Iconic London bus goes fully electric

London's already iconic double-decker busses could soon be entirely electric.

Mayor of London Boris Johnson announced on Monday that the first zero emissions double decker would be rolled out in an initially limited trial in October.

The bus will be a new double decker, and the extent to which it looks like the relaunched Routemaster buses, which have been slowly expanding across the city's routes (though not always with two members of staff and open rear doors, as initially expected) since 2013, is unclear. The new double decker will run on route 16, and be manufactured by BYD.

The first purely electric bus route -- the 312 between Norwood and Croydon -- will be created later in 2015, thanks to a total fleet of ten electric single-deckers in use since 2012.

The mayor told the Clean Bus Summit at City Hall that all new busses joining the central London fleet were compliant with tighter regulations on emissions within Ultra Low Emission Zones.

The Mayor said: "The iconic red double-decker bus is about to become greener than ever. I could not be more pleased that London will play host to these exciting pure electric double-deck buses, and I'm sure the lucky users of route 16 will embrace it with gusto. London is a world leader in clean buses but we can't do it alone, and events like this Clean Bus Summit are key to making further progress."
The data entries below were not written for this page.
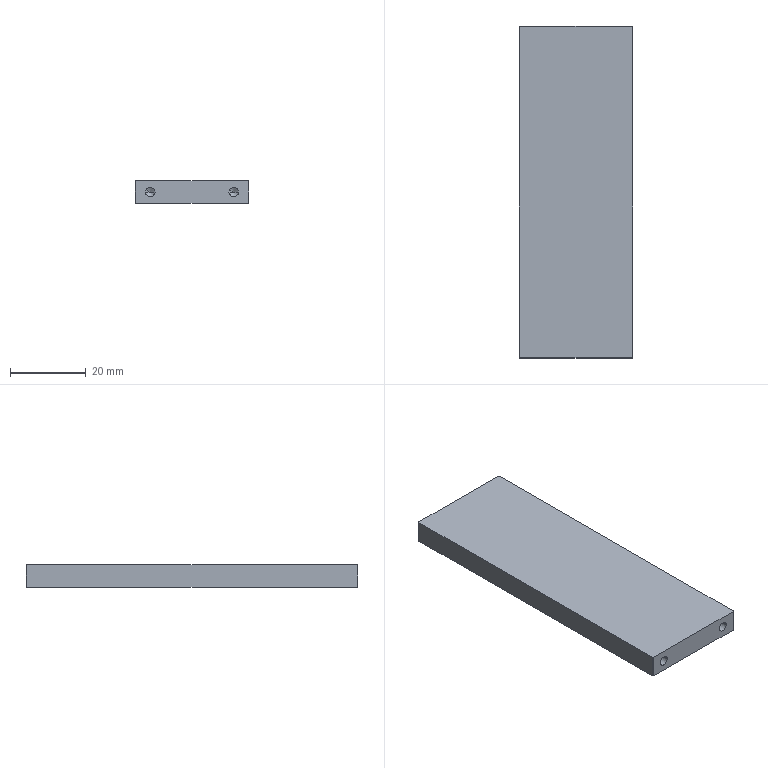CAM job | Mastercam | mm | 15 operations | part box 30 x 87.5 x 6
1. Facing | 1 - D80-R0.8 J-面铣刀
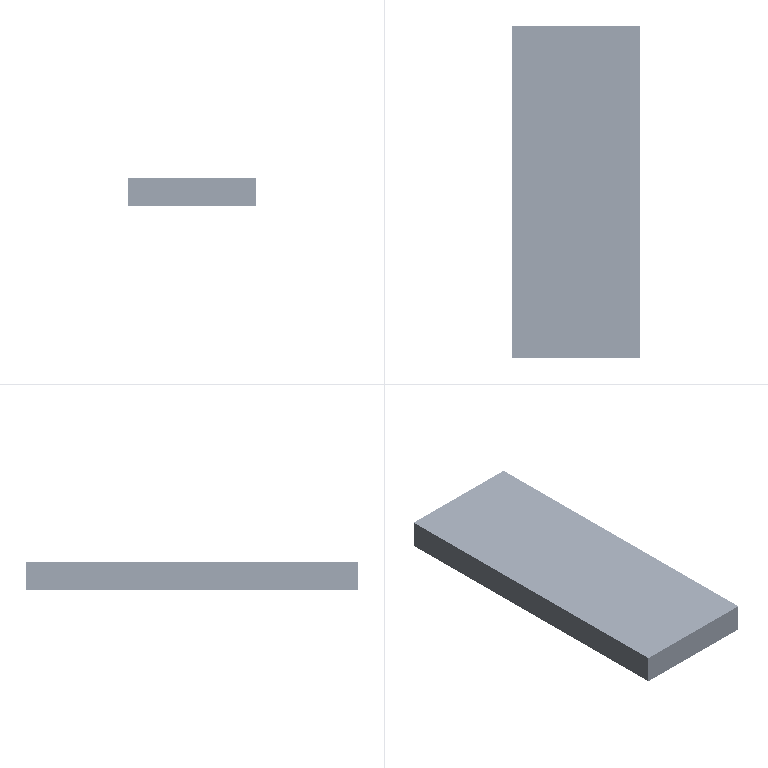2. 2D High Speed (2D Dynamic Mill) | 9 - D10-C 平底刀
3. Facing | 1 - D80-R0.8 J-面铣刀
4. Contour (2D) | 10 - D10-J 平底刀
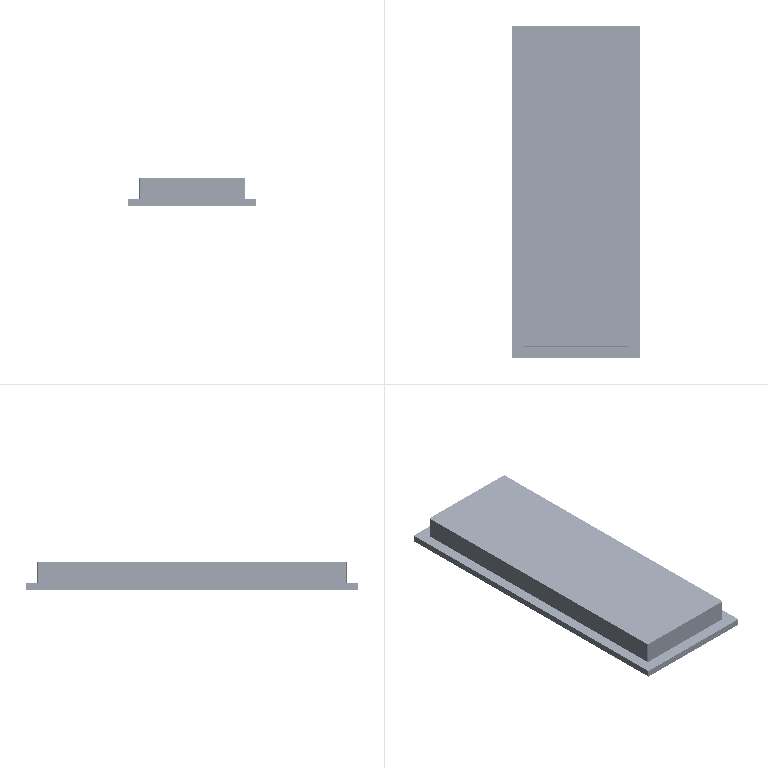5. Model Chamfer | 2 - D6定心倒角刀
6. Drill/Counterbore | 2 - D6定心倒角刀
7. Peck Drill | 16 - 2.5 钻头
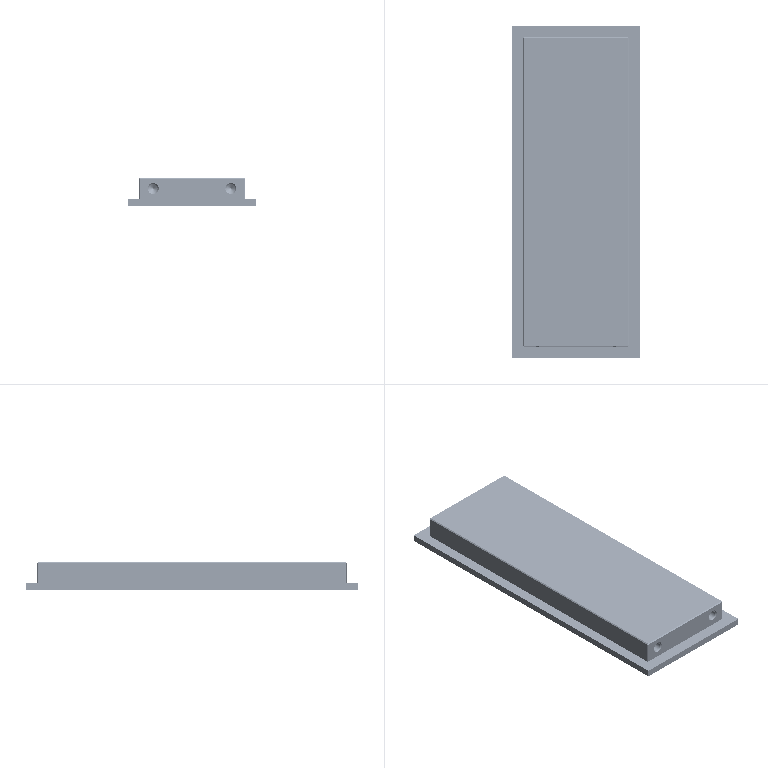8. Chamfer Drill | 2 - D6定心倒角刀
9. Thread Mill | 22 - M3/0.5  -D2.4L9螺纹铣刀
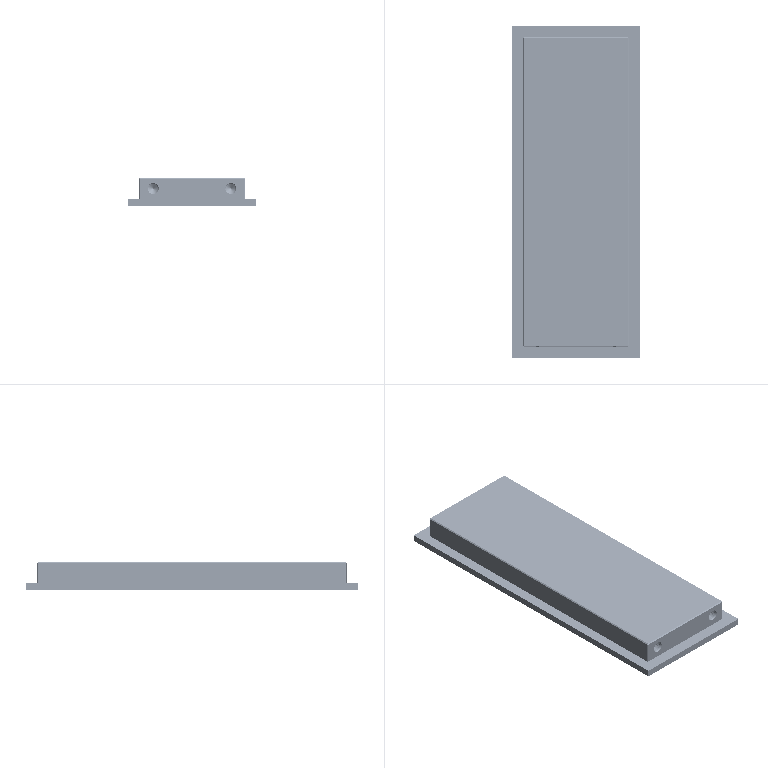10. Drill/Counterbore | 2 - D6定心倒角刀
11. Peck Drill | 16 - 2.5 钻头
12. Chamfer Drill | 2 - D6定心倒角刀
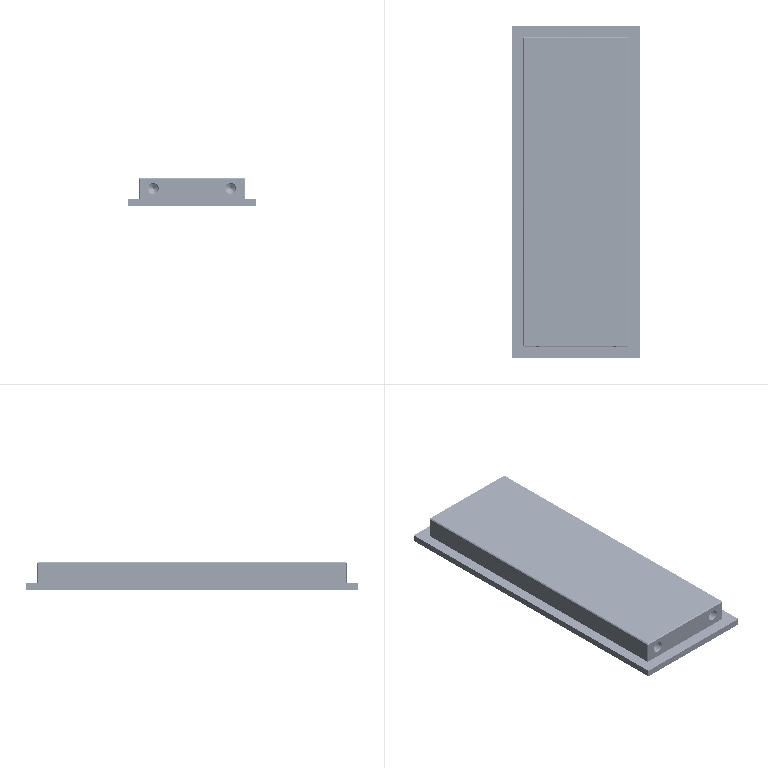13. Thread Mill | 22 - M3/0.5  -D2.4L9螺纹铣刀
14. Facing | 1 - D80-R0.8 J-面铣刀
15. Model Chamfer | 2 - D6定心倒角刀

City Hall is keen to tout its figures on rolling out new lower-emission busses, citing 1,300 hybrid buses hitting the streets since 2008, with another 1,400 retrofitted to reduce emissions by 88 percent. Around 800 new Routemasters will be on the streets by 2014, and can reduce CO2 emissions by 27,500 tonnes a year, according to the Mayor's office. The aim is for all 300 single-decker busses to be zero emission models by 2020, with all 3,300 double deckers at least meeting the Euro VI electric hybrid standard.

Transport For London will also pilot inductive charging for busses, so that they can recharge their batteries while waiting at bus stands. The trial will start on diesel-hybrid busses on route 69 in East London between Canning Town and Walthamstow.

The announcements were made alongside that of a wider plan in which 24 cities will commit to rolling out 40,000 ultra-low emissions buses by 2020.

However critics of the Mayor's transport plans point out that not only were the new Routemasters expensive to design and manufacture, that London remains critically far from meeting crucial air quality standards -- with local joggers warned to avoid parts of the city during high emissions periods.